Um modelo de inteligência artificial não lançado da Anthropic, conhecido como Claude, alcançou um avanço significativo em um problema relacionado à Hipótese de Riemann, uma das questões matemáticas mais célebres e complexas. Embora o modelo não tenha resolvido a hipótese em si, ele conseguiu elevar o limite inferior conhecido para a proporção de zeros não triviais da função zeta de Riemann que se encontram na linha crítica, passando de 41,6% para 67,2%. Este progresso, anunciado pela Anthropic, destaca o rápido avanço das capacidades da IA na descoberta matemática e na conexão de ideias complexas.

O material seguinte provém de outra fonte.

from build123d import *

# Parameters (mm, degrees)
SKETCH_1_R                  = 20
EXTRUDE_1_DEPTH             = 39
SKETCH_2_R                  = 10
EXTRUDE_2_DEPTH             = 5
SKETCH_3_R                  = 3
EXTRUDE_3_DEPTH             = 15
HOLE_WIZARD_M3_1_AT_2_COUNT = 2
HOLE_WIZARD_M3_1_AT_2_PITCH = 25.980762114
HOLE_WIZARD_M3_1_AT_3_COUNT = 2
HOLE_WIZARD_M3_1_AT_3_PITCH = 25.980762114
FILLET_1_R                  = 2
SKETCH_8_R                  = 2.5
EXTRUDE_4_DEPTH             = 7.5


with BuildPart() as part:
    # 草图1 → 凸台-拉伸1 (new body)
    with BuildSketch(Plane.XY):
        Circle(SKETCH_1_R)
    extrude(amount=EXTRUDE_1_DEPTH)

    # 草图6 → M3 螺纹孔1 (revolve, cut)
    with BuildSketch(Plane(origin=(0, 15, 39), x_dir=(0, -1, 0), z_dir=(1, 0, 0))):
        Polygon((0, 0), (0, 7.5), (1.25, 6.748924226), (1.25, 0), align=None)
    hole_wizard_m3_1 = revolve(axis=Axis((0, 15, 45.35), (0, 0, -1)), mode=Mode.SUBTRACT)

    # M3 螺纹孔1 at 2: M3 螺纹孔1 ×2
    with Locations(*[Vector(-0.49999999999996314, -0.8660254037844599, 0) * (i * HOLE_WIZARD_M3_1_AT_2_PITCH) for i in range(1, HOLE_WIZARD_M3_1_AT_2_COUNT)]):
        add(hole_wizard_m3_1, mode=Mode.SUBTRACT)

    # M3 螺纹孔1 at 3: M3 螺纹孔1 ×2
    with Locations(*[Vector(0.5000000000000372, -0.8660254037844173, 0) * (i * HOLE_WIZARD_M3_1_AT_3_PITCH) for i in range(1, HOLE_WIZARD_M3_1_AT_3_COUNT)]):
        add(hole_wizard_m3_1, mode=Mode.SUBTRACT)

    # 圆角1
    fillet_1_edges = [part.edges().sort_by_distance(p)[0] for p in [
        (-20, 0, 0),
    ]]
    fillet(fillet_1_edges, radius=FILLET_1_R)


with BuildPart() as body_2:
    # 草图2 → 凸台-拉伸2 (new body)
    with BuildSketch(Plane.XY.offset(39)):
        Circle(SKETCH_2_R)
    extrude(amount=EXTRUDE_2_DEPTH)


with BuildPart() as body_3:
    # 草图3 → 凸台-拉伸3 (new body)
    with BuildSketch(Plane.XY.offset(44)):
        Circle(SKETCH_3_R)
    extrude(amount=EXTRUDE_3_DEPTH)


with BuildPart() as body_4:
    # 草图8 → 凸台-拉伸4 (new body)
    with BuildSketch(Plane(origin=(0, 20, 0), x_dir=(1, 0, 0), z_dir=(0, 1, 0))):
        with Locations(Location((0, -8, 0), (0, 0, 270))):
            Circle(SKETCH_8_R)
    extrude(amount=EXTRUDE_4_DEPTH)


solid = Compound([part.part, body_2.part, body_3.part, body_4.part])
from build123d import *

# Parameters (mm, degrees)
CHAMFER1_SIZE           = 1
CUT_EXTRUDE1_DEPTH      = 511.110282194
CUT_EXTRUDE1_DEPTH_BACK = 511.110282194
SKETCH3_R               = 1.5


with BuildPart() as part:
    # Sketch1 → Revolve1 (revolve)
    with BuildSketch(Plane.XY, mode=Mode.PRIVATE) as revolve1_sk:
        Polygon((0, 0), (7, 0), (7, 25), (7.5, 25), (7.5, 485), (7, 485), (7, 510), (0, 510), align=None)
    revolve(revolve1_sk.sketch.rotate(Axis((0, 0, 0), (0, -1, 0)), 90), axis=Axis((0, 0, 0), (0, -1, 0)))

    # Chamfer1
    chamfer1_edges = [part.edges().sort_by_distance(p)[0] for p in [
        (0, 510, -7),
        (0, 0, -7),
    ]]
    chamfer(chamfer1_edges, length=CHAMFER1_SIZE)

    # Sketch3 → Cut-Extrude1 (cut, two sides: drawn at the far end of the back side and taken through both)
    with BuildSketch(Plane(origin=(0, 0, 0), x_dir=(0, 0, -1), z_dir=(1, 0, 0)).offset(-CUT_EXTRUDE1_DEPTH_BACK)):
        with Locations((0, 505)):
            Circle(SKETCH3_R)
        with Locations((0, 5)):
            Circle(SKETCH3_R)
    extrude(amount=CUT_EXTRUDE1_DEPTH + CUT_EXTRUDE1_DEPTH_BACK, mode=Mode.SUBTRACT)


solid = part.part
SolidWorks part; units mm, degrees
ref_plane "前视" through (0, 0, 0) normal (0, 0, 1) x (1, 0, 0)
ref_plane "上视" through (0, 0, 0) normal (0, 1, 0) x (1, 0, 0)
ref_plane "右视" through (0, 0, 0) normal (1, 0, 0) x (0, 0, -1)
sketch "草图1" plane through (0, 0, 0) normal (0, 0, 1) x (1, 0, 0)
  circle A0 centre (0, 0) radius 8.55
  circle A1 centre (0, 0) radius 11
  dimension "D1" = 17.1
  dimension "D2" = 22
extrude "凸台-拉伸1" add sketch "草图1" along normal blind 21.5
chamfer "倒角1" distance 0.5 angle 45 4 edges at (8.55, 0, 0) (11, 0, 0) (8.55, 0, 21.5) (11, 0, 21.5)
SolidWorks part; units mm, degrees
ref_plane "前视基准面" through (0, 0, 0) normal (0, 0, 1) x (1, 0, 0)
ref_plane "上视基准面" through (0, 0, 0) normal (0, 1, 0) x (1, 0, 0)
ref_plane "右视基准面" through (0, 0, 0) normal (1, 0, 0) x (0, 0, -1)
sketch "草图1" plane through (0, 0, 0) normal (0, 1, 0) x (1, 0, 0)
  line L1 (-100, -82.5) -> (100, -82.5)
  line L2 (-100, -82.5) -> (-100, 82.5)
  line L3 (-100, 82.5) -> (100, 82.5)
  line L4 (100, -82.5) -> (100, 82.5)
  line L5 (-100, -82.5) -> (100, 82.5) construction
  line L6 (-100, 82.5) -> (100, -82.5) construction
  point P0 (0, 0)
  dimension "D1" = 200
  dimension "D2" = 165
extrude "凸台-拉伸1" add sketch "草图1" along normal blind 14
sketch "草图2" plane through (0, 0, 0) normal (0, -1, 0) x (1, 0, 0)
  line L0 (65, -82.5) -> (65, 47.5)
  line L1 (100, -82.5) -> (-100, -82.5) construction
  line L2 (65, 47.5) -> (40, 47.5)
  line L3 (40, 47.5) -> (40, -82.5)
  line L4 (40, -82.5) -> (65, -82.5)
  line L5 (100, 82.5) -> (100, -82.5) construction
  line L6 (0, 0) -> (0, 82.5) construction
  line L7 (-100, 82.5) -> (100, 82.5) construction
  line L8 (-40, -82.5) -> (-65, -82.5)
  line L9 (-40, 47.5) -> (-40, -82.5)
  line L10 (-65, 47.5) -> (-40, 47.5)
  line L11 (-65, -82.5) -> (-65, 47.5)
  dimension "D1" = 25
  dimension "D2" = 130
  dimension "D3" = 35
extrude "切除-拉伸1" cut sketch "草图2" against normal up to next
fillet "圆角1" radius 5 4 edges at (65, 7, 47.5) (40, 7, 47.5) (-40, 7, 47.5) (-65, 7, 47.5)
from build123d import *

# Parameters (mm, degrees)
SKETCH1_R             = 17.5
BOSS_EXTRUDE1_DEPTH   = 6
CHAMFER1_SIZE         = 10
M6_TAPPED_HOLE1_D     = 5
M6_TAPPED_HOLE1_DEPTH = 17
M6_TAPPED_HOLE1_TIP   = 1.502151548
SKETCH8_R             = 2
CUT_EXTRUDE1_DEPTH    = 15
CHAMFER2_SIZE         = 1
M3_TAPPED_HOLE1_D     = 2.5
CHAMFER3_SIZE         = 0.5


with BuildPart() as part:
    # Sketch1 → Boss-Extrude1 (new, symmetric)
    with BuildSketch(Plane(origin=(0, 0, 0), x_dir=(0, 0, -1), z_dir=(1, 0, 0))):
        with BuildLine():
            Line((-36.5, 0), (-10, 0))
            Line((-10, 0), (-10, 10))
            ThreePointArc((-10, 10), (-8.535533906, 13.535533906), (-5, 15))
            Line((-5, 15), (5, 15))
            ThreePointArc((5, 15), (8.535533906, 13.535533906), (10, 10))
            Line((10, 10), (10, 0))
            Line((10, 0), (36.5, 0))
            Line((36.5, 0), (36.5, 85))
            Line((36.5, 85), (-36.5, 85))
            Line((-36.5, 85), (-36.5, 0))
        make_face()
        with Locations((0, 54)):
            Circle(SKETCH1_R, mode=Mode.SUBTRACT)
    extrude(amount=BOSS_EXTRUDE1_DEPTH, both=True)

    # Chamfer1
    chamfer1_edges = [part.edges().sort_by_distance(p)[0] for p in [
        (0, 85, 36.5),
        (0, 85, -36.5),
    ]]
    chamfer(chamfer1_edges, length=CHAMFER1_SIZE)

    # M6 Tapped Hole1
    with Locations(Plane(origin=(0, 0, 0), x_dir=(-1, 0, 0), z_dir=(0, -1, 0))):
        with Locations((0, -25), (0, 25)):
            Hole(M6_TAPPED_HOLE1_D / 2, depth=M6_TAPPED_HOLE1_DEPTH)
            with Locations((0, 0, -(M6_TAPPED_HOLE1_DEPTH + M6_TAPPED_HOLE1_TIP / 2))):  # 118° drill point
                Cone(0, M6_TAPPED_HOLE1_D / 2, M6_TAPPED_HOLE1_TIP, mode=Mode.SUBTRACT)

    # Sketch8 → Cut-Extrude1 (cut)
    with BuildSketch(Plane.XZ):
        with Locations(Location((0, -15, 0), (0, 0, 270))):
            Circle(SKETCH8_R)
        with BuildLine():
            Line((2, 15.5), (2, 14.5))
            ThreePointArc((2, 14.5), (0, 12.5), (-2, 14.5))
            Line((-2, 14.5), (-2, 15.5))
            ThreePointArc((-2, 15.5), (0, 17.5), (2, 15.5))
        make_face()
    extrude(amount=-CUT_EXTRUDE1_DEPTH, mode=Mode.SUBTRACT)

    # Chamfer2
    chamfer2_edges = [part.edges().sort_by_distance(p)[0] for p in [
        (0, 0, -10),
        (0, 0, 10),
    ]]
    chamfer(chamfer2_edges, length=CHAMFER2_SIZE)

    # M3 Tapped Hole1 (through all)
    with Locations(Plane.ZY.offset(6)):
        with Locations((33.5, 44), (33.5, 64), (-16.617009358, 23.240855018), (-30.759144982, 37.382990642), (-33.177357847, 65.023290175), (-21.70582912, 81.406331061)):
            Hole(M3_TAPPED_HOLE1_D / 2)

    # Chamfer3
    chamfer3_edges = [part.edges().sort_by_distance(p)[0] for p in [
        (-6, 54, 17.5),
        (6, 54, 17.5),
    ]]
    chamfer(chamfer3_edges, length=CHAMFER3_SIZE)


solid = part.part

O Enigma da Hipótese de Riemann
A Hipótese de Riemann, formulada em 1859 pelo matemático Bernhard Riemann, é uma conjectura sobre a distribuição dos números primos. Ela postula que todos os zeros “não triviais” da função zeta de Riemann possuem uma parte real igual a 1/2, ou seja, estão localizados em uma linha específica no plano complexo, conhecida como “linha crítica”. A resolução desta hipótese é um dos sete Problemas do Prêmio Millennium do Clay Mathematics Institute, com uma recompensa de um milhão de dólares para quem a provar ou refutar.
Por mais de 160 anos, matemáticos têm buscado desvendar este mistério, com avanços incrementais na compreensão das propriedades da função zeta. O resultado obtido pelo modelo Claude representa o maior salto percentual único na elevação desse limite inferior na história da matemática.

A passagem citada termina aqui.